General command line options

-h

Help

This option requires no arguments, and - when set - will print the help message and exit (no matching process will be performed)

-wait

Wait User Interaction

This option requires no argument and - when set - will force the engine to wait for user pressing the ENTER key before actually launching the process. It is not enabled by default.

-verbose

Enable Verbose Logging

This option requires no argument and - when set - will instruct the engine to produce extremely verbose output during the computation.

Input file command line options

-inFile

Specify Parsed Input Data File [ mandatory ]

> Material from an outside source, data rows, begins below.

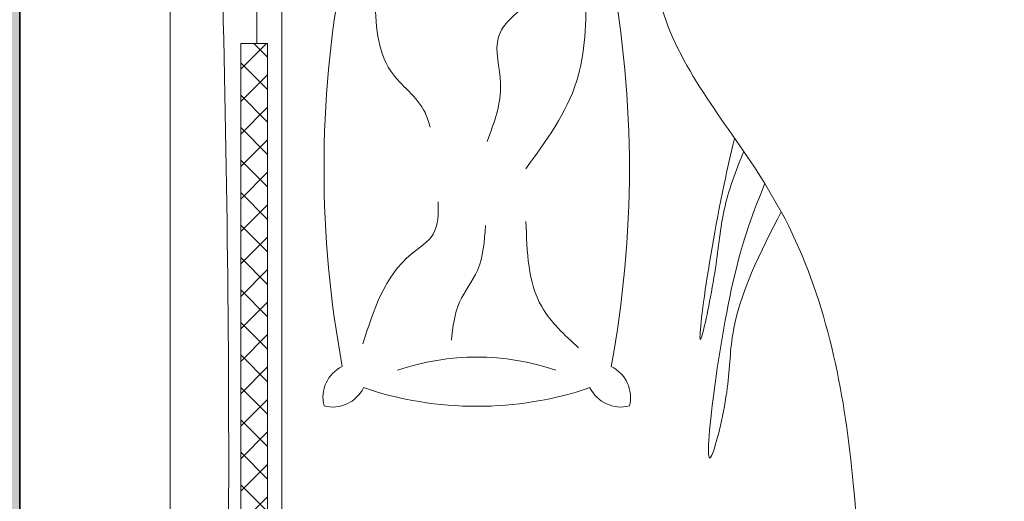
# Model space of a CAD drawing. Units: inches. Extents: x 2083 to 3317, y 1141 to 2115.
# Tile 96 of 256: x 2236 to 2290, y 1932 to 1958. Entities that reach past the tile are written whole.
import ezdxf

# ---------------------------------------------------------------- set-up
doc = ezdxf.new("R2010")
doc.units = ezdxf.units.IN
for name, color, linetype, lineweight in [('A-FURN', 8, 'Continuous', 18), ('A-WALL', 7, 'Continuous', 35), ('www.cadblocksfree.com', 7, 'Continuous', 9)]:
    doc.layers.add(name, color=color, linetype=linetype, lineweight=lineweight)
doc.layers.add('A-WALL-PATT', color=251, linetype='Continuous', lineweight=13, true_color=0x636466)

# ---------------------------------------------------------------- blocks, each defined once
blk = doc.blocks.new('bed')
at = {"layer": 'www.cadblocksfree.com', "ltscale": 0.2}
h = blk.add_hatch(dxfattribs=at)
h.set_pattern_fill('ANSI37,_O', color=256, scale=0.393701)
h.set_pattern_definition([(45, (2420.7222, -262.9689), (-0.8838835, 0.8838835), []), (135, (2420.7222, -262.9689), (-0.8838835, -0.8838835), [])])
h.paths.add_polyline_path([(3417.573, 1472.402), (3372.192, 1472.402), (3372.192, 1470.941), (3417.573, 1470.941)])
for p, q in [((3372.192, 1472.402), (3417.573, 1472.402)), ((3417.573, 1470.941), (3417.573, 1472.402)), ((3372.192, 1470.941), (3417.573, 1470.941)), ((3409.943, 1443.853), (3408.408, 1442.961))]:
    blk.add_line(p, q, dxfattribs=at)
for points in [[(3426.763, 1476.249), (3363.002, 1476.249)], [(3417.573, 1471.524), (3428.347, 1471.524), (3428.347, 1473.886)], [(3426.379, 1449.413), (3426.379, 1470.154), (3363.387, 1470.154), (3363.387, 1447.076)]]:
    blk.add_lwpolyline(points, dxfattribs=at)
for centre, radius, start, end in [((3394.883, 2431.358), 958.303, 268.093559, 271.906441), ((3399.641, 1467.396), 1.87, 165.5166, 244.2099), ((3398.298, 1466.054), 1.87, 25.7901, 104.4834), ((3410.752, 1409.187), 58.677, 79.42346, 100.57654), ((3417.027, 1459.547), 19.215, 161.2852, 198.7148), ((3387.154, 1459.547), 13.338, 341.1598, 18.8402), ((3399.641, 1451.698), 1.87, 115.7901, 194.4834), ((3398.298, 1453.041), 1.87, 255.5166, 334.2099), ((3410.752, 1509.907), 58.677, 259.42346, 280.57654)]:
    blk.add_arc(centre, radius, start, end, dxfattribs=at)
for points, knots in [([(3401.221, 1465.744), (3403.047, 1465.161), (3405.408, 1464.407), (3407.088, 1461.635), (3408.312, 1461.638), (3408.953, 1461.64)], [0, 0, 0, 0, 5.530688, 7.154877, 8.940839, 8.940839, 8.940839, 8.940839]), ([(3420.141, 1465.083), (3418.661, 1465.041), (3416.141, 1464.969), (3414.502, 1462.52), (3413.283, 1462.165), (3413.011, 1462.086)], [0, 0, 0, 0, 4.163459, 7.093919, 7.934624, 7.934624, 7.934624, 7.934624]), ([(3401.408, 1460.927), (3402.126, 1460.846), (3403.512, 1460.689), (3405.283, 1459.224), (3406.806, 1459.127), (3407.654, 1459.073)], [0, 0, 0, 0, 2.127543, 4.10272, 6.58647, 6.58647, 6.58647, 6.58647]), ([(3419.716, 1456.774), (3419.174, 1457.459), (3418.052, 1458.876), (3415.084, 1457.893), (3413.26, 1458.594), (3412.241, 1458.985)], [0, 0, 0, 0, 2.388143, 4.935423, 8.166198, 8.166198, 8.166198, 8.166198]), ([(3400.996, 1453.995), (3401.698, 1454.761), (3403.498, 1456.726), (3406.222, 1456.811), (3407.884, 1456.863)], [0, 0, 0, 0, 3.013696, 7.735839, 7.735839, 7.735839, 7.735839]), ([(3420.479, 1453.579), (3418.77, 1453.599), (3415.179, 1453.639), (3412.269, 1455.762), (3410.745, 1456.874)], [0, 0, 0, 0, 5.002087, 10.507046, 10.507046, 10.507046, 10.507046]), ([(3409.943, 1443.853), (3413.12, 1445.837), (3417.433, 1449.66), (3422.724, 1450.042), (3424.477, 1449.98)], [1.3582378, 1.3582378, 1.3582378, 1.3582378, 1.6381418, 1.7706953, 1.7706953, 1.7706953, 1.7706953]), ([(3412.402, 1445.499), (3411.605, 1445.698), (3406.242, 1446.932), (3398.173, 1447.93), (3405.397, 1446.464), (3408.571, 1446.191), (3410.626, 1445.456), (3411.681, 1445)], [0.1043639, 0.1043639, 0.1043639, 0.1043639, 0.1489731, 0.3882761, 0.4793617, 0.5593494, 0.6446217, 0.6446217, 0.6446217, 0.6446217]), ([(3409.943, 1443.853), (3408.469, 1444.451), (3404.443, 1446.042), (3391.397, 1447.599), (3398.64, 1445.767), (3402.973, 1445.759), (3406.219, 1444.095), (3408.408, 1442.961)], [0.0056315, 0.0056315, 0.0056315, 0.0056315, 0.1489731, 0.3882761, 0.4793617, 0.5593494, 0.7397317, 0.7397317, 0.7397317, 0.7397317]), ([(3362.928, 1430.813), (3365.944, 1432.958), (3375.455, 1438.993), (3392.12, 1438.03), (3404.249, 1440.73), (3408.408, 1442.961)], [0.102872, 0.102872, 0.102872, 0.102872, 0.37972, 0.957702, 1.313793, 1.313793, 1.313793, 1.313793])]:
    blk.add_open_spline(points, degree=3, knots=knots, dxfattribs=at)

msp = doc.modelspace()

# ---------------------------------------------------------------- hatches: boundary and pattern name
at = {"layer": 'A-WALL-PATT'}
h = msp.add_hatch(color=256, dxfattribs=at)
h.dxf.hatch_style = 1
h.paths.add_polyline_path([(3126.96, 2020.761), (2748.96, 2020.761), (2604.96, 2020.761), (2226.96, 2020.761), (2226.96, 1702.761), (2466.96, 1702.761), (2466.96, 1582.761), (2418.96, 1582.761), (2418.96, 1477.761), (2226.96, 1477.761), (2226.96, 1263.261), (2544.96, 1263.261), (2544.96, 1411.761), (2604.96, 1411.761), (2685.96, 1411.761), (2685.96, 1420.761), (2604.96, 1420.761), (2604.96, 1573.761), (2604.96, 1702.761), (2604.96, 2011.761), (2748.96, 2011.761), (2748.96, 1702.761), (2862.96, 1702.761), (2862.96, 1621.761), (2871.96, 1621.761), (2871.96, 1702.761), (2883.96, 1702.761), (2883.96, 1706.939, -0.026459), (2883.96, 1711.761), (2757.96, 1711.761), (2757.96, 1807.761), (2787.96, 1807.761), (2787.96, 1812.261), (2757.96, 1812.261), (2757.96, 2011.761), (2877.96, 2011.761), (2877.96, 1812.261), (2847.96, 1812.261), (2847.96, 1807.761), (2889.836, 1807.761), (2889.836, 1812.261), (2882.46, 1812.261), (2882.46, 2011.761), (3117.96, 2011.761), (3117.96, 1812.261), (2937.836, 1812.261), (2937.836, 1807.761), (2995.71, 1807.761), (2995.71, 1796.118), (3000.21, 1796.118), (3000.21, 1807.761), (3117.96, 1807.761), (3117.96, 1711.761), (3000.21, 1711.761), (3000.21, 1760.118), (2998.573, 1760.118, -0.020711), (2995.71, 1760.118), (2995.71, 1711.761), (2931.96, 1711.761), (2931.96, 1702.761), (3126.96, 1702.761)])
h.paths.add_polyline_path([(2471.46, 2011.761), (2471.46, 1810.011), (2462.717, 1810.011), (2462.717, 1805.511), (2505.96, 1805.511), (2505.96, 1810.011), (2475.96, 1810.011), (2475.96, 2011.761), (2595.96, 2011.761), (2595.96, 1810.011), (2565.96, 1810.011), (2565.96, 1805.511), (2595.96, 1805.511), (2595.96, 1711.761), (2235.96, 1711.761), (2235.96, 1805.511), (2353.71, 1805.511), (2353.71, 1796.054), (2358.21, 1796.054), (2358.21, 1805.511), (2414.717, 1805.511), (2414.717, 1810.011), (2235.96, 1810.011), (2235.96, 2011.761)], flags=16)
h.paths.add_polyline_path([(2270.205, 1994.61), (2270.205, 1970.61), (2246.205, 1970.61), (2246.205, 1994.61)], flags=0)
edge = h.paths.add_edge_path(flags=0)
edge.add_ellipse((2332.027, 1899.798), major_axis=(-3.043, 3.043), ratio=0.168252, start_angle=-161.3322, end_angle=-156.3071, ccw=False)
edge.add_ellipse((2333.082, 1898.744), major_axis=(-1.055, 1.055), ratio=0.453532, start_angle=-123.371, end_angle=-94.1591)
edge = h.paths.add_edge_path(flags=0)
edge.add_ellipse((2332.027, 1968.876), major_axis=(3.043, 3.043), ratio=0.168252, start_angle=18.6678, end_angle=23.6929)
edge.add_spline(control_points=[(2332.926, 1970.691), (2332.227, 1970.336), (2330.894, 1969.659), (2328.413, 1970.932), (2327.204, 1967.749), (2324.71, 1969.956), (2322.533, 1967.012), (2320.013, 1971.296), (2317.68, 1968.158), (2316.041, 1967.102), (2315.427, 1966.81)], knot_values=[0, 0, 0, 0, 2.267059, 4.324559, 6.685584, 8.878641, 11.121502, 14.300359, 17.755284, 19.732645, 19.732645, 19.732645, 19.732645], degree=3, periodic=0)
edge.add_ellipse((2332.027, 1968.876), major_axis=(3.043, 3.043), ratio=0.168252, start_angle=18.6678, end_angle=23.6929, ccw=False)
edge.add_ellipse((2333.082, 1969.931), major_axis=(1.055, 1.055), ratio=0.453532, start_angle=56.629, end_angle=85.8409, ccw=False)
edge = h.paths.add_edge_path(flags=0)
edge.add_spline(control_points=[(2296.428, 1967.988), (2293.628, 1965.336), (2287.704, 1959.727), (2299.744, 1949.996), (2294.533, 1935.669), (2290.573, 1920.604), (2293.394, 1909.974), (2296.185, 1904.967)], knot_values=[0.099185, 0.099185, 0.099185, 0.099185, 0.345301, 0.619822, 0.982653, 1.386093, 1.810555, 1.810555, 1.810555, 1.810555], degree=3, periodic=0)
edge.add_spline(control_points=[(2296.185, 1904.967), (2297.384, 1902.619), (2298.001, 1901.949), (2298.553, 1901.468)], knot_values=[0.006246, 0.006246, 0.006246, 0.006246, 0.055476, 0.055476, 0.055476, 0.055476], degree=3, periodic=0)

Specifies the path to the input file (in parsed input data format) containing the data to match against the specified (via the -refData option) reference data sets.

-dontSkipHeader

Don't Skip Parsed Input Data Header

This option requires no argument and - when enabled - will tell the engine that the input data file does not contain a header row. This makes sense only when the parsed input data file has been produced with the -noHeader option enabled in the input data parser tool.

This option is disabled by default, thus the input data file header will be skipped.

Reference data command line options

-refData

Specify Reference Data Coordinates [ mandatory ]

Specifies the coordinates for a reference data source. These are in the form:

<PROVIDER ID>@<TAXA TAF URL>(,<VERNACULAR NAMES TAF URL>)
  • The <PROVIDER ID> part is mandatory: it is a user-specified identifier (e.g. ASFIS, FISHBASE, OBIS) that provides context to the reference data.
  • The <TAXA TAF URL> part is also mandatory, while the <VERNACULAR NAMES TAF URL> part is optional (there's no current matchlet that works on vernacular names for the time being).

This option can be repeated multiple times on the command line, once for every reference data source to use.

Please note: the file:// protocol needs to be used to reference local TAF files.

Placeholders expansion

In the TAF file URLs you can also use placeholders that will be expanded to their corresponding values.

These are:

{providerId}

that will be replaced with the actual <PROVIDER ID> as specified by the reference data option value [ works with any URL protocol ]

{cd}

that will be replaced with the current directory (according to the OS-specific filesystem path format) [ works with 'file://' URLs only ]

-mt

Materialize Reference Data

This option requires no argument and - when set - will instruct the matching engine to materialize reference data sets (specified via the -refData option) in memory.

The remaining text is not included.